This post is an annotated writeup of a final project for Information and Physical Computing (CSDS/PHYS). The central question: in the high-dimensional limit (features $p$, samples $n$, and latent dimension $d$ all large with fixed ratios), what is the exact generalization error of a linear student model trained on data generated by a nonlinear teacher?

The answer—derived via the replica method—reveals the celebrated double-descent phenomenon as a consequence of the structure of the loss landscape near the interpolation threshold $p/n \approx 1$.

Setup: Hidden Manifold Model

Data is generated by a two-step process:

  1. Draw a low-dimensional latent vector $\mathbf{c}^\mu \sim \mathcal{N}(0, I_d)$.
  2. Project and apply a nonlinearity to get observations: $\mathbf{x}^\mu = \sigma!\left(\frac{1}{\sqrt{d}} F^\top \mathbf{c}^\mu\right)$, where $F \in \mathbb{R}^{d \times p}$ is a random matrix.
  3. Generate labels via a teacher direction $\theta^0$: $y^\mu = f^0!\left(\frac{1}{d}\,\mathbf{c}^\mu \cdot \theta^0\right)$.

This “hides” the linear structure inside a random nonlinear projection. The student only sees $(\mathbf{x}^\mu, y^\mu)$ and must recover the direction $\theta^0$ in latent space.

Key Results

The generalization error in the thermodynamic limit depends only on three scalar overlap parameters ($m_s, q_s, q_w$) which satisfy self-consistent saddle-point equations. For regression:

\[\epsilon_g = \rho + Q^\star - 2M^\star\]

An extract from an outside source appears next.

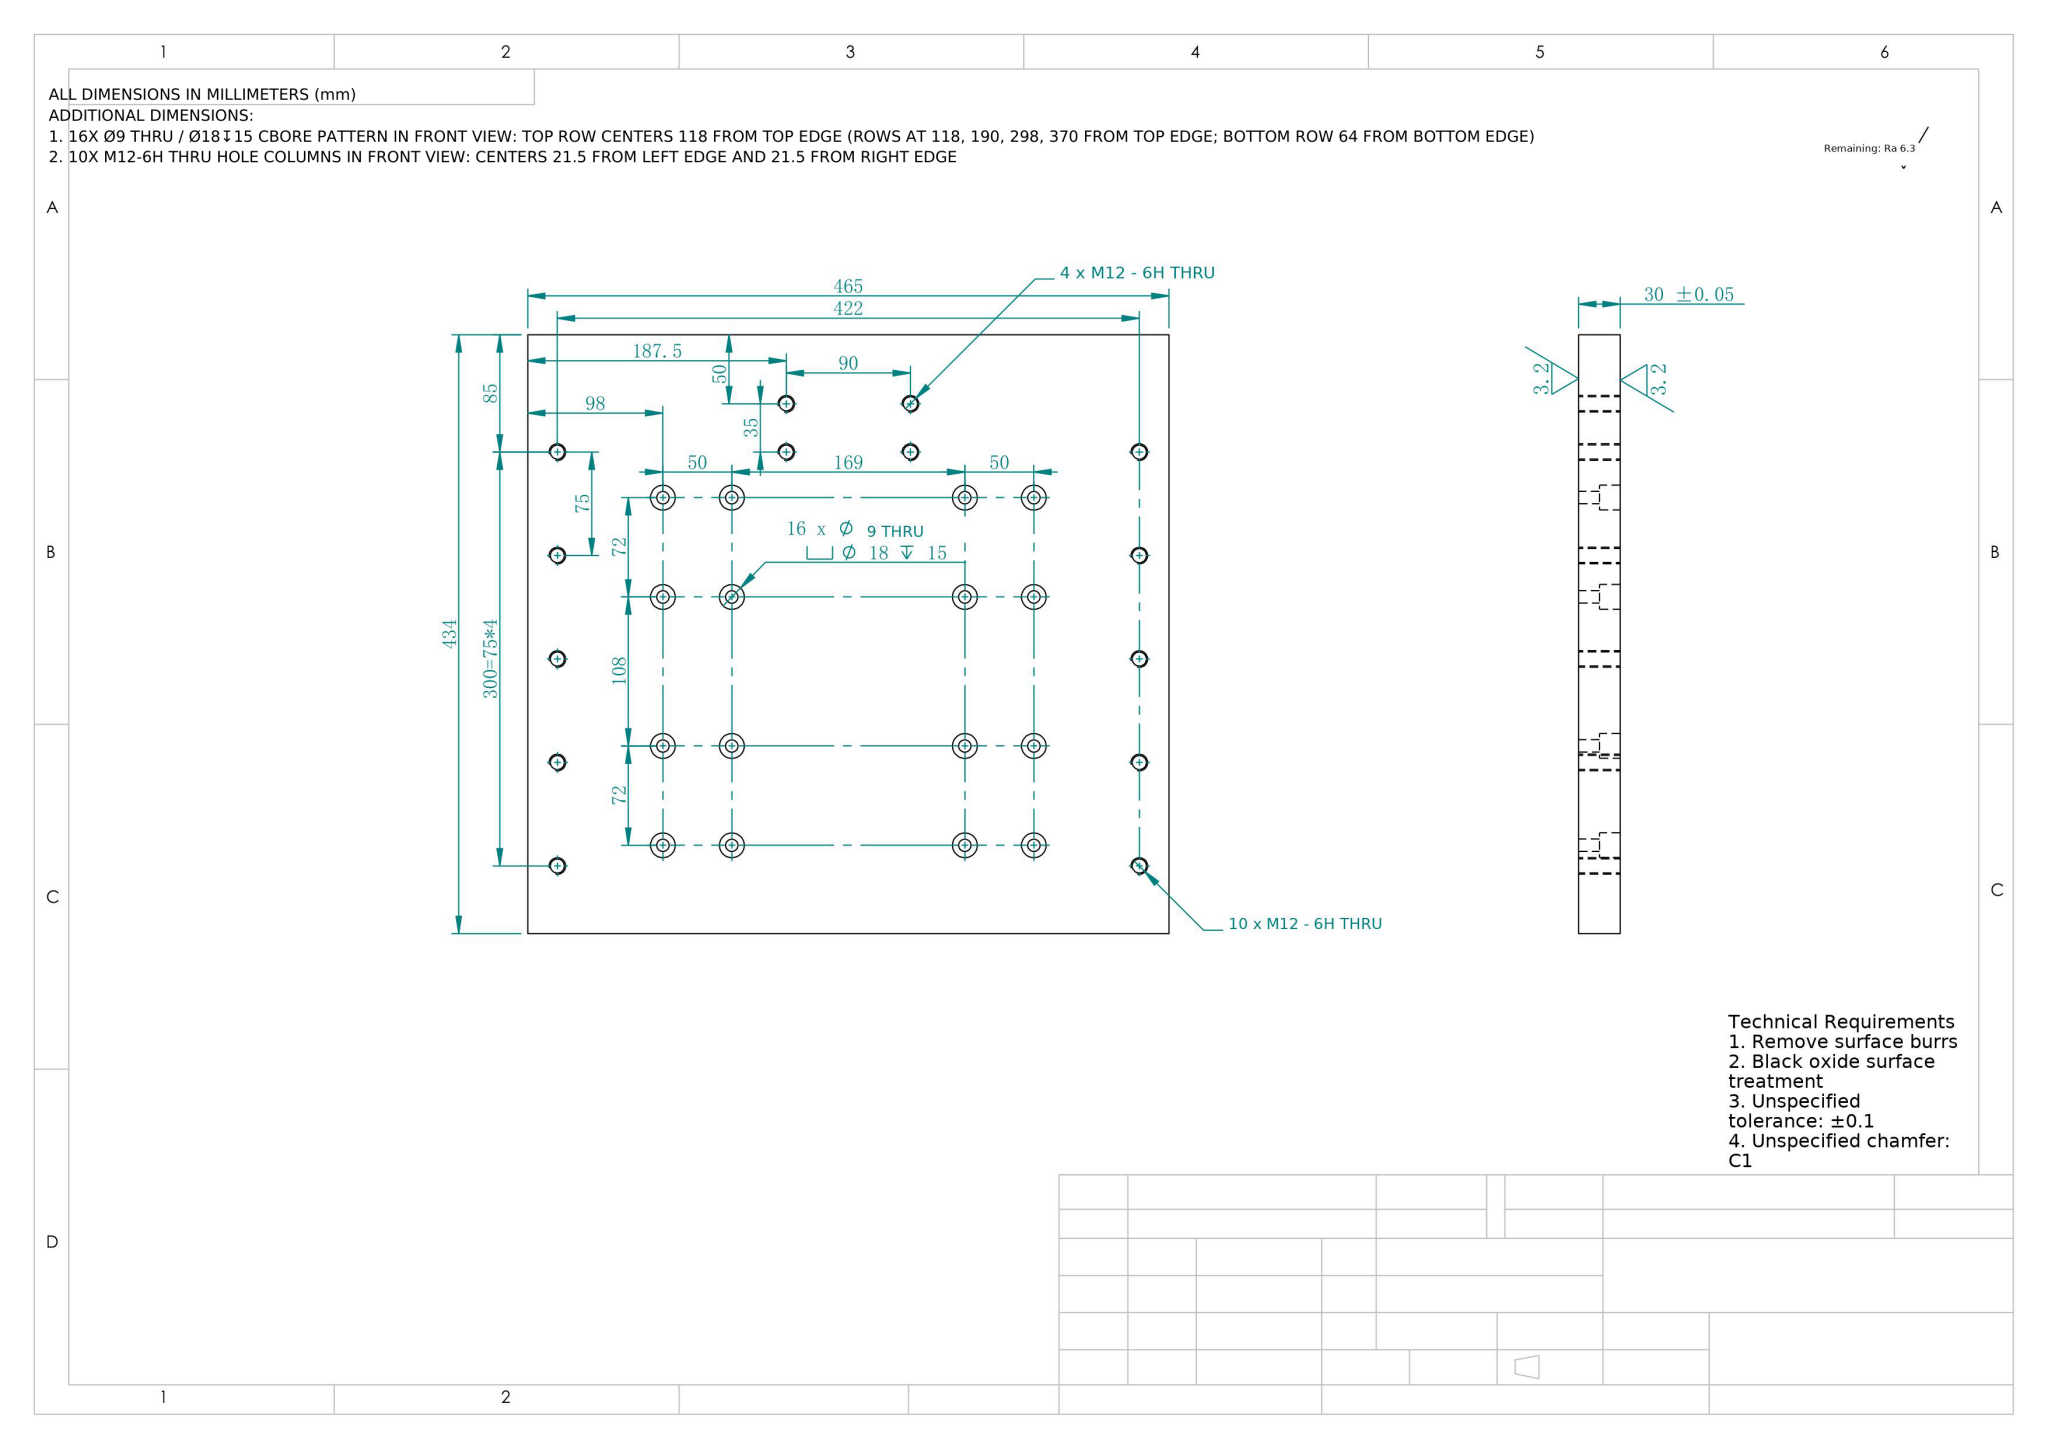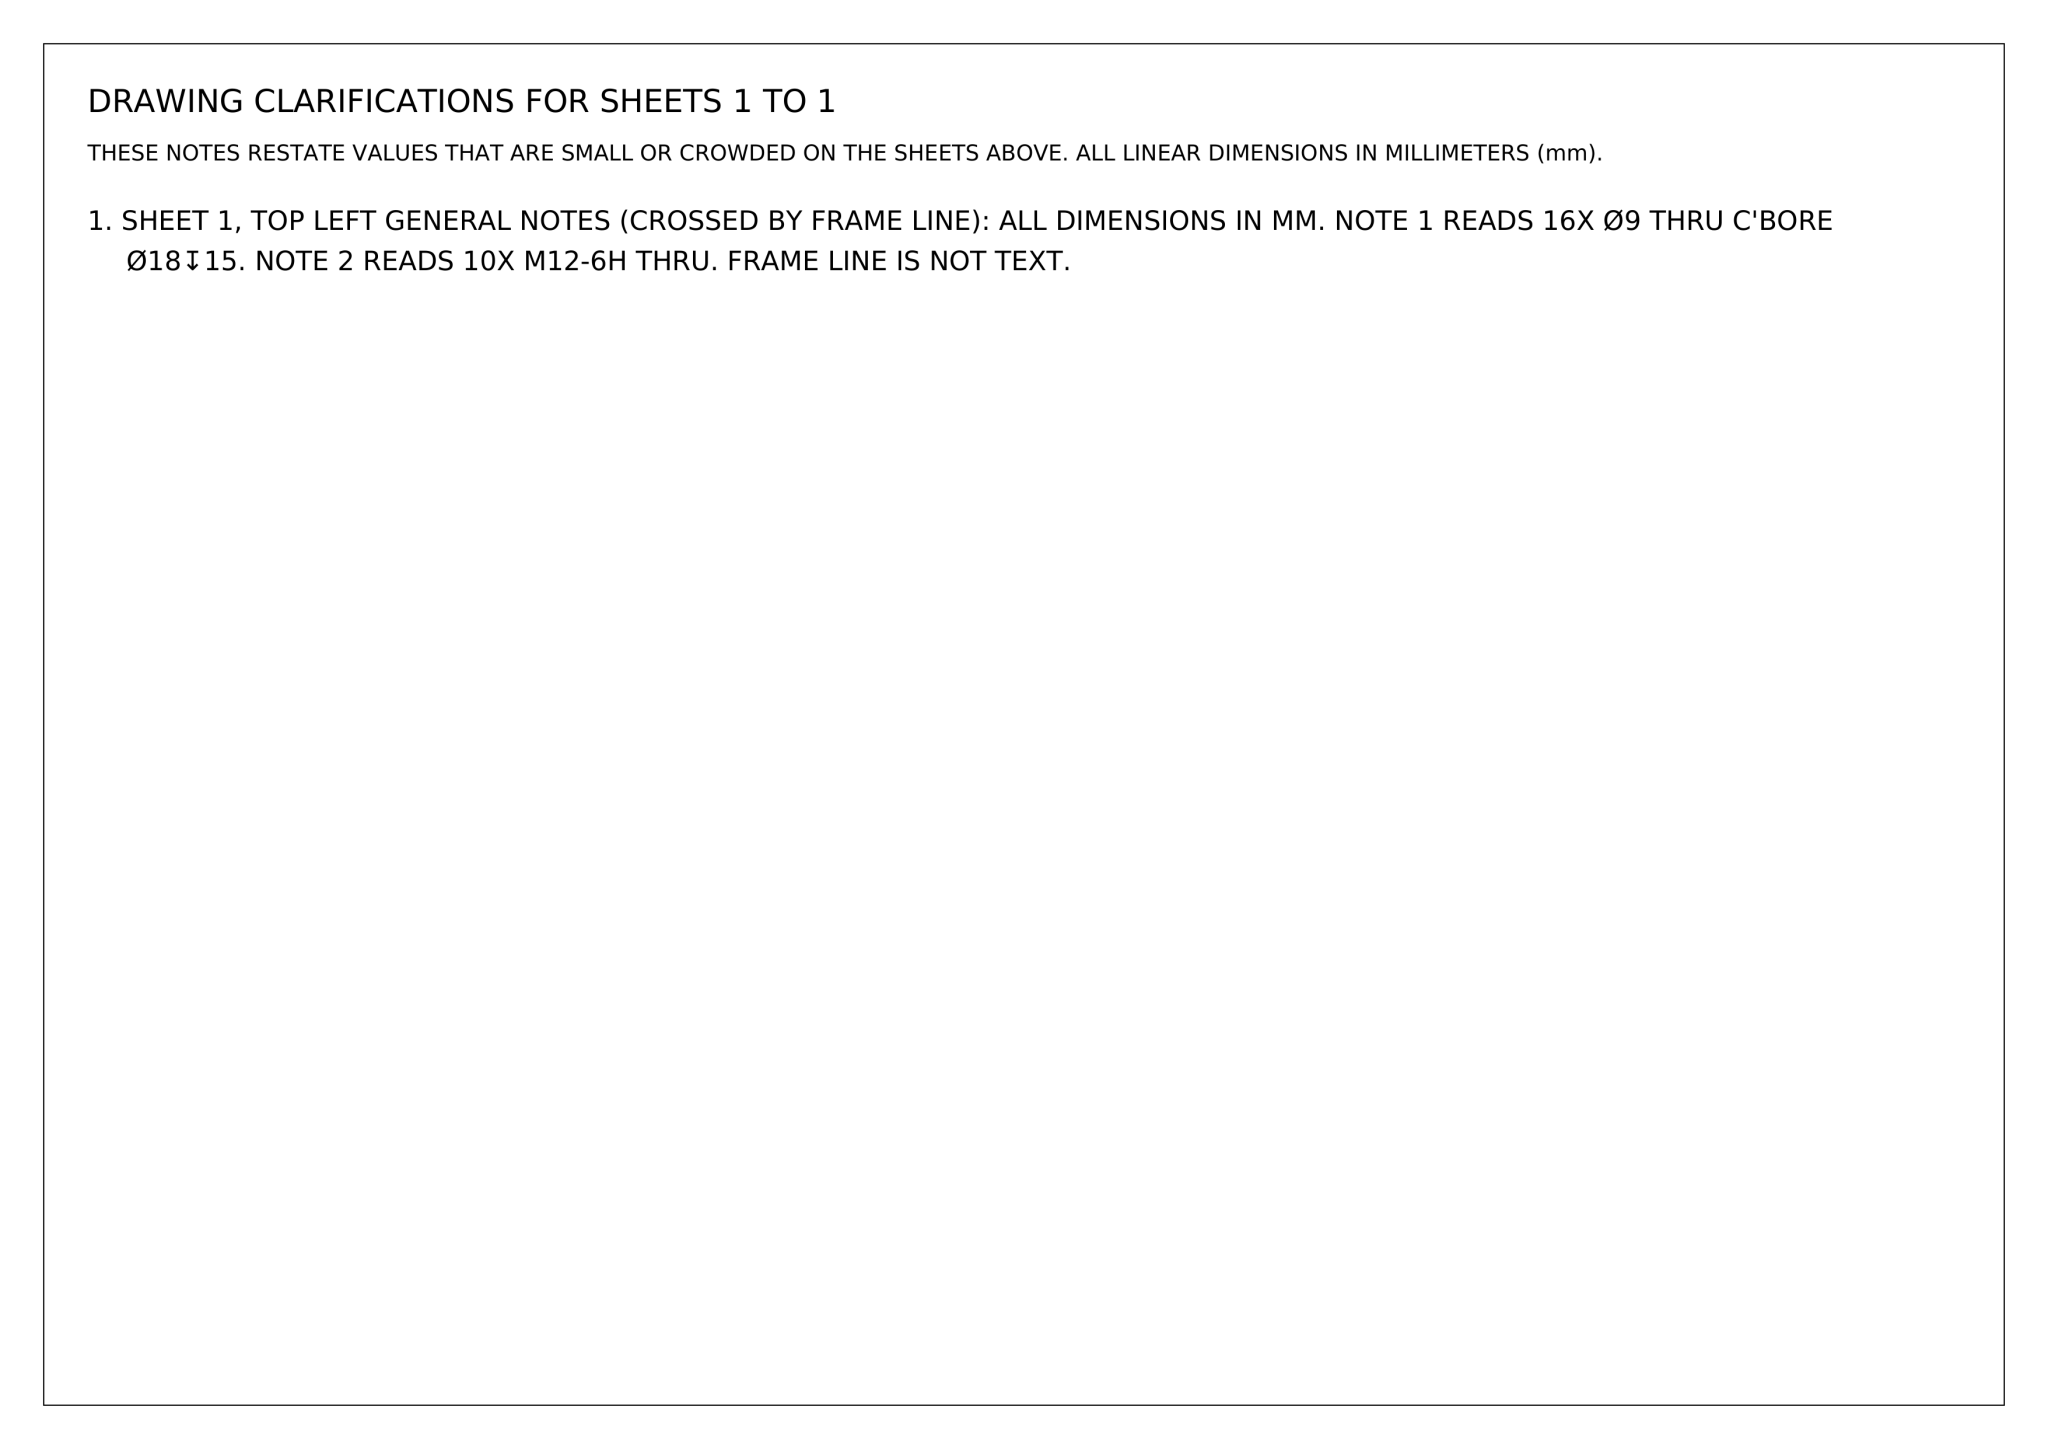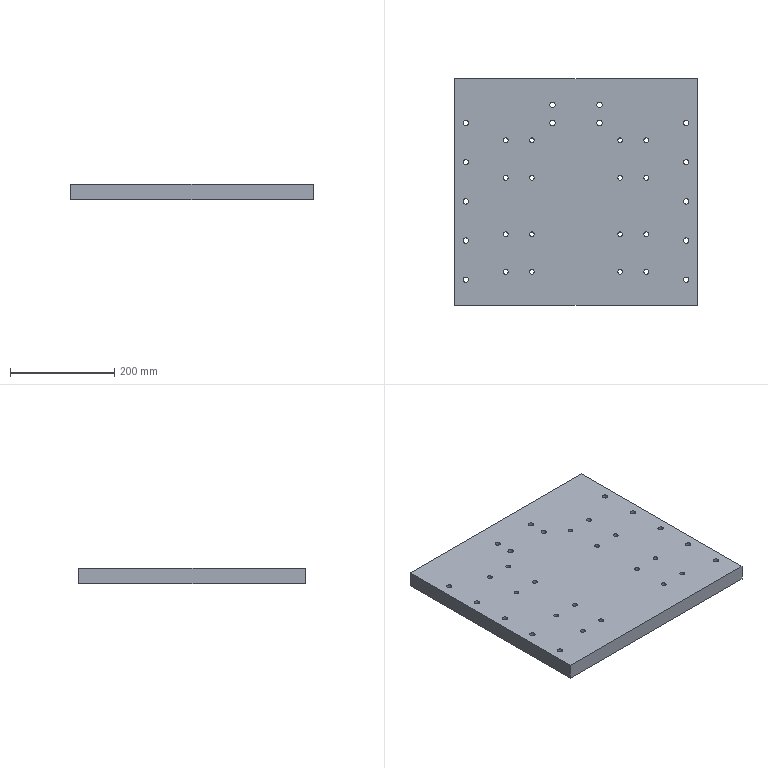Part | NX | mm | 1 solid | 114 faces | box 465 x 434 x 30 mm | volume 5943640 mm3 | cylinder 92 | plane 22 | commonest cylinder face diameters 18 x32 9 x32 10.2 x28

where $Q^\star = \kappa_1^2 q_s^\star + \kappa_\star^2 q_w^\star$ and $M^\star = \kappa_1 m_s^\star$. For classification, it reduces to the angle between the student and teacher directions:

\[\epsilon_g = \frac{1}{\pi}\cos^{-1}\!\left(\frac{M^\star}{\sqrt{Q^\star}}\right)\]

The double-descent spike at $p/n \approx 1$ is visible in the fixed-point solutions when regularization $\lambda$ is small.

Double Descent

Double descent curve
Double descent: test error peaks near the interpolation threshold p/n ≈ 1, then decreases as the model becomes overparameterized.

Interactive Notebook

The full derivation (Gibbs measure → replica trick → Gaussian equivalence → replica-symmetric saddle point → fixed-point iteration) is in the interactive notebook below. You can explore how regularization $\lambda$, the nonlinearity $\sigma$, and the noise level $\Delta$ affect the generalization error surface.

If the interactive notebook does not load, open it directly: full notebook.

Reference

Gerace, F., Loureiro, B., Krzakala, F., Mézard, M., & Zdeborová, L. (2021). Generalisation error in learning with random features and the hidden manifold model. ICML 2021.